Another notable member of the family who also had a significant military career was Major-General Manners Ralph Willmot Nightingale (1871–1956), who received the Distinguished Service Order, Order of St. Michael and St. George, Order of the Indian Empire, and Order of the Bath for his services rendered during the First and Second World Wars. He was also appointed as colonel of the 5th Royal Gurkha Rifles between 1937 and 1945, where his son, George Manners (1913–1992), served as a lieutenant-colonel.

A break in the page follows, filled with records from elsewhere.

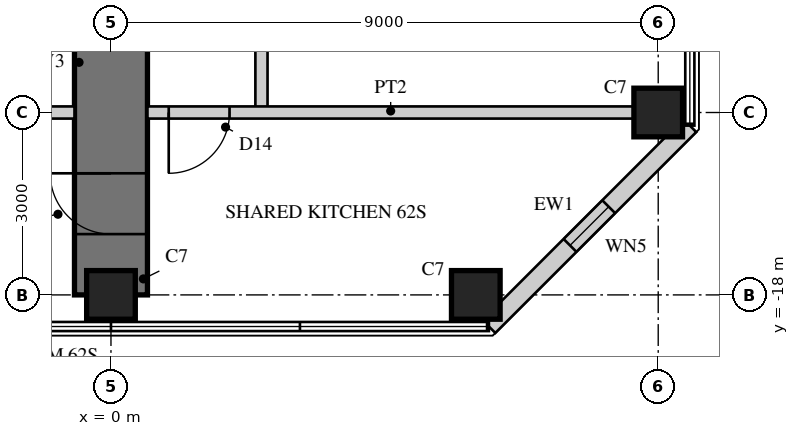
"""IFC4 building model, lengths in metres.
Left out: names, types, materials, properties, quantities, classifications, styles, units other than length and angle.
Written with IfcOpenShell. Run it as: python <this file> out.ifc"""

import sys

from ifc_helpers import new_model, si_unit, direction, frame, frame_2d, origin, origin_2d, place, context, subcontext, project, spatial, rectangle, hollow_rectangle, extrude, element, fill, save


model = new_model("IFC4")
c1 = context("Model", 3, precision=1e-05, world=origin(), true_north=direction((0.0, 1.0)))
c2 = subcontext(c1, "Body", "Model", "MODEL_VIEW")
j1 = project(units=[si_unit("LENGTHUNIT", "METRE"), si_unit("PLANEANGLEUNIT", "RADIAN")], contexts=[c1])
p1 = place(None, origin())
s1 = spatial("IfcSite", under=j1, at=p1, CompositionType="ELEMENT")
p2 = place(p1, origin())
s2 = spatial("IfcBuilding", under=s1, at=p2, CompositionType="ELEMENT")
p3 = place(p2, frame((0.0, 0.0, 242.5)))
s3 = spatial("IfcBuildingStorey", under=s2, at=p3, CompositionType="ELEMENT", Elevation=242.5)
p4 = place(p3, frame((0.0, -9.0, 0.0), z_axis=(0.0, 0.0, 1.0), x_axis=(0.0, -1.0, 0.0)))
e1 = element("IfcWall", 1, at=p4, inside=s3, PredefinedType="SHEAR", context=c2, shape_type="SweptSolid", body=[
    extrude(rectangle(XDim=9.0, YDim=1.2, at=frame_2d((4.5, 0.0))), origin(), (0.0, 0.0, 1.0), 3.4),
])
p5 = place(p4, frame((3.8, 0.0, 0.0)))
e2 = element("IfcOpeningElement", 2, at=p5, cuts=e1, PredefinedType="OPENING", context=c2, shape_type="SweptSolid", body=[
    extrude(rectangle(XDim=1.0, YDim=2.15, at=frame_2d((0.5, 1.075))), frame((0.0, 0.61, 0.0), z_axis=(0.0, -1.0, 0.0), x_axis=(1.0, 0.0, 0.0)), (0.0, 0.0, 1.0), 1.22),
])
p6 = place(p4, frame((7.0, 0.0, 0.0)))
e3 = element("IfcOpeningElement", 3, at=p6, cuts=e1, PredefinedType="OPENING", context=c2, shape_type="SweptSolid", body=[
    extrude(rectangle(XDim=1.0, YDim=2.2, at=frame_2d((0.5, 1.1))), frame((0.0, 0.61, 0.0), z_axis=(0.0, -1.0, 0.0), x_axis=(1.0, 0.0, 0.0)), (0.0, 0.0, 1.0), 1.22),
])
for number, where, z_axis, x_axis in (
    (4, (9.0, -15.0, 0.0), (0.0, 0.0, 1.0), (1.0, 0.0, 0.0)),
    (5, (0.0, -18.0, 0.0), (0.0, 0.0, 1.0), (1.0, 0.0, 0.0)),
    (6, (6.0, -18.0, 0.0), (0.0, 0.0, 1.0), (1.0, 0.0, 0.0)),
):
    element("IfcColumn", number, at=place(p3, frame(where, z_axis=z_axis, x_axis=x_axis)), inside=s3, PredefinedType="COLUMN", context=c2, shape_type="SweptSolid", body=[
        extrude(rectangle(XDim=0.8, YDim=0.8, at=origin_2d()), origin(), (0.0, 0.0, 1.0), 3.4),
    ])
p7 = place(p3, frame((6.215, -18.52, 0.0), z_axis=(0.0, 0.0, 1.0), x_axis=(0.707106781187, 0.707106781187, 0.0)))
e7 = element("IfcWall", 7, at=p7, inside=s3, PredefinedType="SOLIDWALL", context=c2, shape_type="SweptSolid", body=[
    extrude(rectangle(XDim=4.674, YDim=0.3, at=frame_2d((2.337, 0.0))), origin(), (0.0, 0.0, 1.0), 3.22),
])
p8 = place(p7, frame((1.887, 0.0, 0.3)))
e8 = element("IfcOpeningElement", 8, at=p8, cuts=e7, PredefinedType="OPENING", context=c2, shape_type="SweptSolid", body=[
    extrude(rectangle(XDim=0.9, YDim=2.4, at=frame_2d((0.45, 1.2))), frame((0.0, 0.16, 0.0), z_axis=(0.0, -1.0, 0.0), x_axis=(1.0, 0.0, 0.0)), (0.0, 0.0, 1.0), 0.32),
])
p9 = place(p3, frame((2.475, -9.4, 0.0), z_axis=(0.0, 0.0, 1.0), x_axis=(0.0, -1.0, 0.0)))
e9 = element("IfcWall", 9, at=p9, inside=s3, PredefinedType="SOLIDWALL", context=c2, shape_type="SweptSolid", body=[
    extrude(rectangle(XDim=5.6, YDim=0.2, at=frame_2d((2.8, 0.0))), origin(), (0.0, 0.0, 1.0), 3.22),
])
p10 = place(p9, frame((1.2, 0.0, 0.0)))
e10 = element("IfcOpeningElement", 10, at=p10, cuts=e9, PredefinedType="OPENING", context=c2, shape_type="SweptSolid", body=[
    extrude(rectangle(XDim=1.0, YDim=2.2, at=frame_2d((0.5, 1.1))), frame((0.0, 0.11, 0.0), z_axis=(0.0, -1.0, 0.0), x_axis=(1.0, 0.0, 0.0)), (0.0, 0.0, 1.0), 0.22),
])
p11 = place(p3, frame((-8.6, -15.0, 0.0), z_axis=(0.0, 0.0, 1.0), x_axis=(1.0, 0.0, 0.0)))
e11 = element("IfcWall", 11, at=p11, inside=s3, PredefinedType="SOLIDWALL", context=c2, shape_type="SweptSolid", body=[
    extrude(rectangle(XDim=8.0, YDim=0.2, at=frame_2d((4.0, 0.0))), origin(), (0.0, 0.0, 1.0), 2.52),
])
p12 = place(p3, frame((0.6, -15.0, 0.0), z_axis=(0.0, 0.0, 1.0), x_axis=(1.0, 0.0, 0.0)))
e12 = element("IfcWall", 12, at=p12, inside=s3, PredefinedType="SOLIDWALL", context=c2, shape_type="SweptSolid", body=[
    extrude(rectangle(XDim=8.0, YDim=0.2, at=frame_2d((4.0, 0.0))), origin(), (0.0, 0.0, 1.0), 2.52),
])
p13 = place(p12, frame((0.35, 0.0, 0.0)))
e13 = element("IfcOpeningElement", 13, at=p13, cuts=e12, PredefinedType="OPENING", context=c2, shape_type="SweptSolid", body=[
    extrude(rectangle(XDim=1.0, YDim=2.2, at=frame_2d((0.5, 1.1))), frame((0.0, 0.11, 0.0), z_axis=(0.0, -1.0, 0.0), x_axis=(1.0, 0.0, 0.0)), (0.0, 0.0, 1.0), 0.22),
])
p14 = place(p8, origin())
e14 = element("IfcWindow", 14, at=p14, inside=s3, PartitioningType="SINGLE_PANEL", PredefinedType="WINDOW", context=c2, shape_type="SweptSolid", body=[
    extrude(hollow_rectangle(XDim=0.9, YDim=2.4, WallThickness=0.06, at=frame_2d((0.45, 1.2))), frame((0.0, 0.03, 0.0), z_axis=(0.0, -1.0, 0.0), x_axis=(1.0, 0.0, 0.0)), (0.0, 0.0, 1.0), 0.06),
    extrude(rectangle(XDim=0.779, YDim=2.279, at=frame_2d((0.45, 1.2))), frame((0.0, 0.03, 0.0), z_axis=(0.0, -1.0, 0.0), x_axis=(1.0, 0.0, 0.0)), (0.0, 0.0, 1.0), 0.06),
])
fill(e8, e14)
p15 = place(p13, frame((1.0, 0.0, 0.0), z_axis=(0.0, 0.0, 1.0), x_axis=(-1.0, 0.0, 0.0)))
e15 = element("IfcDoor", 15, at=p15, inside=s3, OperationType="SINGLE_SWING_RIGHT", PredefinedType="DOOR", context=c2, shape_type="SweptSolid", body=[
    extrude(rectangle(XDim=1.0, YDim=2.2, at=frame_2d((0.5, 1.1))), frame((0.0, 0.025, 0.0), z_axis=(0.0, -1.0, 0.0), x_axis=(1.0, 0.0, 0.0)), (0.0, 0.0, 1.0), 0.05),
])
fill(e13, e15)
p16 = place(p6, frame((1.0, 0.0, 0.0), z_axis=(0.0, 0.0, 1.0), x_axis=(-1.0, 0.0, 0.0)))
e16 = element("IfcDoor", 16, at=p16, inside=s3, OperationType="SINGLE_SWING_RIGHT", PredefinedType="DOOR", context=c2, shape_type="SweptSolid", body=[
    extrude(rectangle(XDim=1.0, YDim=2.2, at=frame_2d((0.5, 1.1))), frame((0.0, 0.025, 0.0), z_axis=(0.0, -1.0, 0.0), x_axis=(1.0, 0.0, 0.0)), (0.0, 0.0, 1.0), 0.05),
])
fill(e3, e16)
save(model, sys.argv[1])

The Nightingale name stems from both Viking and Norman ancestry, as documented in the Doomsday Book created by William I of England. The family originally came from Norfolk and Suffolk, after immigrating from Normandy. Here, they held a prominent seat at Brome Hall in Brome, which was given to them by William the Conqueror (the Duke of Normandy) for their services and contributions during the Battle of Hastings, in 1066. The family later moved to their main ancestral seat at Kneesworth Hall of Bassingbourn cum Kneesworth, Cambridgeshire, where they eventually stayed for over 200 years. This move was precipitated by Geoffrey Nightingale (b.1550 d.1619), father of Sir Thomas Nightingale, 1st Bt (b.1577 d.1645), who purchased the estate in 1597. Geoffrey was a lawyer who provided estate management for various landed gentry. In 1600, he acquired 200 acres of land in Bassingbourn and Kneesworth, and another 350 acres later on. By 1695, his grandson, Edward Nightingale (b.1658 d.1723), owned approximately 725 acres and acquired an additional 100 acres from Sir Henry Pickering, Lord of Whaddon. By 1797, Sir Edward Nightingale, 10th Bt (b.1760 d.1804), had inherited a real estate portfolio of 880 acres of land in Kneesworth, 130 acres leased from the University of Cambridge, and 200 acres in Bassingbourn. The estate was later sold by Sir Lt. Charles Ethelston Nightingale, 11th Bt (b.1784 d.1843), in 1814 and 1831, which totaled 897 acres. The family also held strong links with the local parish church of St. Peters and St. Paul's, where many members of the baronetcy and their respective families are still buried. In 1717, Edward Nightingale, de jure 5th Bt (b.1658 d. 1723) founded and created the library belonging to the church. Many of these books now reside at the University of Cambridge for historical preservation.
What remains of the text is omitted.